I have been billing spine surgeries for quite some time and work closely with the North American Spine Society.  I have been getting denied codes 63047, 63048 when billed with 22633.   I have been using the 59 modifier on 63047, 63048 if the operative note says decompression of neural elements was performed.  The spine book mentions that Decompression 63047 is unlikely reportable unless there has been more laminectomy and neural element decompression is performed. Has anyone else had this issue?   I don't bill 63047 and 63048 if the discectomy was performed to prepare the interspace; I only bill if its for documented decompression.   Does anyone have any other feedback that I can send to the insurance companies to appeal?


----------



## christinnagle (Apr 10, 2017)

hope this helps point you in a direction.

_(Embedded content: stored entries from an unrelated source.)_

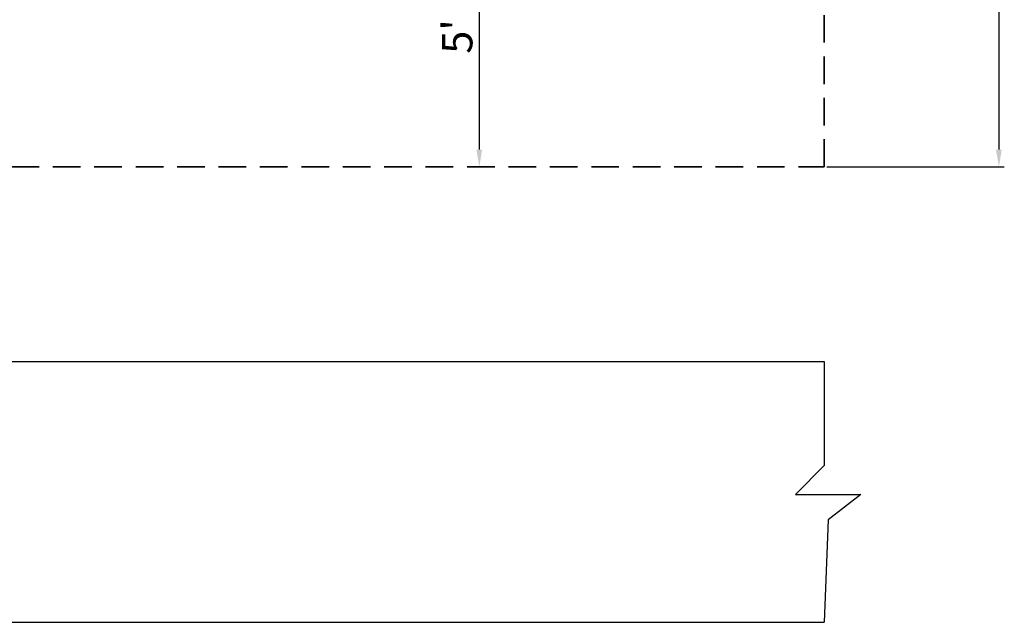
# Model space of a CAD drawing. Units: inches. Extents: x -7 to 1228, y -146 to 1091.
# Tile 35 of 88: x 1002 to 1228, y -105 to 34. Entities that reach past the tile are written whole.
import ezdxf

# ---------------------------------------------------------------- set-up
doc = ezdxf.new("R2010")
doc.units = ezdxf.units.IN
doc.linetypes.add('DASHED2', pattern=[9.525, 6.35, -3.175])
for name, color, linetype, lineweight in [('A-ANNO-DIMS', 2, 'Continuous', 18), ('C-PROP', 1, 'DASHED2', 35), ('C-ROAD', 7, 'Continuous', 25)]:
    doc.layers.add(name, color=color, linetype=linetype, lineweight=lineweight)
doc.styles.get("Standard").update_dxf_attribs({"font": 'arial.ttf'})
doc.dimstyles.new('ISO-25', dxfattribs={"dimtxt": 7, "dimasz": 4, "dimexe": 1.25, "dimexo": 0.625, "dimtad": 1, "dimdec": 1, "dimlunit": 3, "dimtxsty": 'Standard', "dimcen": 2.5, "dimadec": 0, "dimazin": 0, "dimtfac": 1, "dimtdec": 1, "dimtmove": 1, "dimatfit": 3, "dimfxl": 1, "dimarcsym": 0})

# ---------------------------------------------------------------- blocks, each defined once
blk = doc.blocks.new('*D12')
at = {"layer": 'A-ANNO-DIMS', "color": 0, "lineweight": -2, "transparency": 16777216}
for p, q in [((1187.62, 1061), (1228.45, 1061)), ((1227.2, 1057), (1227.2, 4)), ((1187.62, 0), (1228.45, 0))]:
    blk.add_line(p, q, dxfattribs=at)
at = {"layer": 'A-ANNO-DIMS', "color": 0, "transparency": 16777216}
for points in [[(1226.53, 1057), (1227.86, 1057), (1227.2, 1061)], [(1226.53, 4), (1227.86, 4), (1227.2, 0)]]:
    blk.add_solid(points, dxfattribs=at)
at = {"layer": 'Defpoints', "color": 0, "transparency": 16777216}
for p in [(1187, 1061), (1187, 0), (1227.2, 0)]:
    blk.add_point(p, dxfattribs=at)
at = {"layer": 'A-ANNO-DIMS', "color": 0, "transparency": 16777216, "insert": (1223, 530.5), "char_height": 7, "attachment_point": 5, "rotation": 90}
blk.add_mtext('88\'-5"', dxfattribs=at)
blk = doc.blocks.new('*D17')
at = {"layer": 'A-ANNO-DIMS', "color": 0, "lineweight": -2, "transparency": 16777216}
for p, q in [((1108.34, 60), (1108.96, 60)), ((1107.71, 56), (1107.71, 4)), ((1108.34, 0), (1108.96, 0))]:
    blk.add_line(p, q, dxfattribs=at)
at = {"layer": 'A-ANNO-DIMS', "color": 0, "transparency": 16777216}
for points in [[(1107.05, 56), (1108.38, 56), (1107.71, 60)], [(1107.05, 4), (1108.38, 4), (1107.71, 0)]]:
    blk.add_solid(points, dxfattribs=at)
at = {"layer": 'Defpoints', "color": 0, "transparency": 16777216}
for p in [(1107.71, 60), (1107.71, 0), (1107.71, 0)]:
    blk.add_point(p, dxfattribs=at)
at = {"layer": 'A-ANNO-DIMS', "color": 0, "transparency": 16777216, "insert": (1103.53, 30), "char_height": 7, "attachment_point": 5, "rotation": 90}
blk.add_mtext("5'", dxfattribs=at)

msp = doc.modelspace()

# ---------------------------------------------------------------- linework, layer by layer
at = {"layer": 'C-PROP'}
for p, q in [((1187, 0), (1187, 1061)), ((0, 0), (1187, 0))]:
    msp.add_line(p, q, dxfattribs=at)
at = {"layer": 'C-ROAD'}
for p, q in [((0, -44.69), (1187, -44.69)), ((1187, -44.69), (1187, -68.64)), ((1187, -68.64), (1180.43, -75.3)), ((1180.43, -75.3), (1195.46, -75.3)), ((1195.46, -75.3), (1187.95, -81.15)), ((1187.95, -81.15), (1187, -104.69)), ((0, -104.69), (1187, -104.69))]:
    msp.add_line(p, q, dxfattribs=at)

# ---------------------------------------------------------------- dimensions: what is measured, and where the dimension line sits
at = {"layer": 'A-ANNO-DIMS'}
for base, p1, p2, picture, middle in [((1227.2, 0), (1187, 1061), (1187, 0), '*D12', (1223, 530.5)), ((1107.71, 0), (1107.71, 60), (1107.71, 0), '*D17', (1103.53, 30))]:
    dim = msp.add_linear_dim(base=base, p1=p1, p2=p2, angle=90, dimstyle='ISO-25', override={"dimclrd": 0, "dimclre": 0, "dimclrt": 0}, dxfattribs=at)
    dim.commit()
    dim.dimension.update_dxf_attribs({"geometry": picture, "text_midpoint": middle})

doc.saveas('drawing.dxf')

Per The CMS CCI Manual, under chapter 4 CPT codes 20000-29999 "CMS payment policy does not allow separate payment for CPT codes 63042 (laminotomy...; lumbar) or 63047 (laminectomy...; lumbar) with CPT codes 22630 or 22633 (arthrodesis; lumbar) when performed at the same interspace. If the two procedures are performed at different interspaces, the two codes of an edit pair may be reported with modifier 59 appended to CPT code 63042 or 63047."


----------



## CoderinJax (May 31, 2017)

*payer side*

I work for a private pay, and we do not allow the 22633/63047-59 combo unless the work is done on a level other than the arthrodesis. Our carrier clearly shows in our Payment Policies we follow NCCI edits. Also, there's a October (2016) CPT Assistant that reflects this same stance.
Hope this helps.


----------